陈重翘着腿叹了口气,对站在身后的杨德发讲道,“前几年我听说过这么一个事,有人冒充一个女人的老公,与女人发生了多次关系,后来面具都脱落了,女人还是装作不知道,你知道是为啥吗?”
杨德发正惊异于陈重的胆量,公开不给这些大佬面子。
就算他在京城属于权势滔天的人物,但在了封疆大吏面前,那也得收敛下。
不是没有出过事。
他皱了皱眉头,思索道:“难道女人是瞎子?她看不见?”
“不不不……”陈重道,“她眼睛不瞎,是心瞎了,只因为男人伺候得她很爽,就装作不知道了,一个人要是有了利益,那什么恬不知耻的事情都能做出来。”
红脸男人见他有一次暗讽,气得又一次拍了桌子道:“陈玄,你少胡搅蛮缠!”
这时中间一个头发半白,大概有五十多岁的瘦弱男人道:“咱们就出示下证件吧,你好,很高兴认识你陈先生,我是牦牛行省的副督主格勒,专门为调查昨晚事情而来,听说你们这里晚上也并不平静。

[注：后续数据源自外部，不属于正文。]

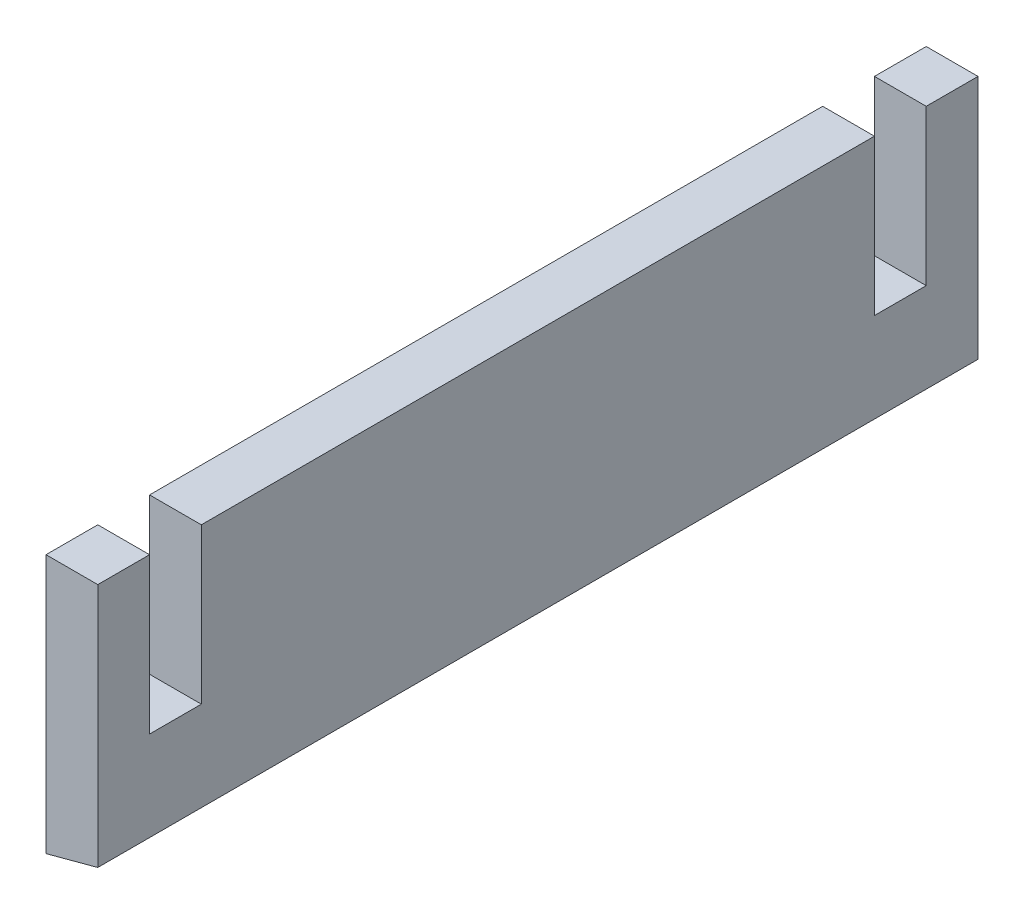
SolidWorks part; units mm, degrees
material "Plain Carbon Steel"
ref_plane "Front Plane" through (0, 0, 0) normal (0, 0, 1) x (1, 0, 0)
ref_plane "Top Plane" through (0, 0, 0) normal (0, 1, 0) x (1, 0, 0)
ref_plane "Right Plane" through (0, 0, 0) normal (1, 0, 0) x (0, 0, -1)
sketch "Step Plate Profile" plane through (0, 0, 0) normal (1, 0, 0) x (0, 0, -1)
  line L0 (0, 0) -> (170, 0)
  line L1 (170, 0) -> (170, 50)
  line L2 (170, 50) -> (160, 50)
  line L3 (160, 50) -> (160, 20)
  line L4 (160, 20) -> (150, 20)
  line L5 (150, 20) -> (150, 50)
  line L6 (150, 50) -> (20, 50)
  line L7 (20, 50) -> (20, 20)
  line L8 (20, 20) -> (10, 20)
  line L9 (10, 20) -> (10, 50)
  line L10 (10, 50) -> (0, 50)
  line L11 (0, 50) -> (0, 0)
  dimension "D1" = 170
  dimension "D2" = 10
  dimension "D3" = 10
  dimension "D4" = 10
  dimension "D5" = 10
  dimension "D6" = 30
  dimension "D7" = 30
  dimension "D8" = 50
extrude "Step Plate 10mm" add sketch "Step Plate Profile" along normal mid plane 10
draft "Draft 15deg" type of draft neutral plane draft angle 15 faces to draft 1 face at (0, 0, -85) neutral plane through (-5, 0, 0) neutral plane normal (-1, 0, 0) reverse direction yes parameters "D1"=15

”
“证件就不用看了。”
陈重摆摆手道:“调查就要有证据,用事实说话,我们否认你们又不相信,难道还要强行逼供吗?”
这里的人他一个也不认识,以为督主来了。
格勒被耍弄并不气恼,而是道:“本来我还顾忌俏佳人是大厂,为牦牛行省付出很多,坦白从宽,那现在可能没这个必要了,把证人带来吧。”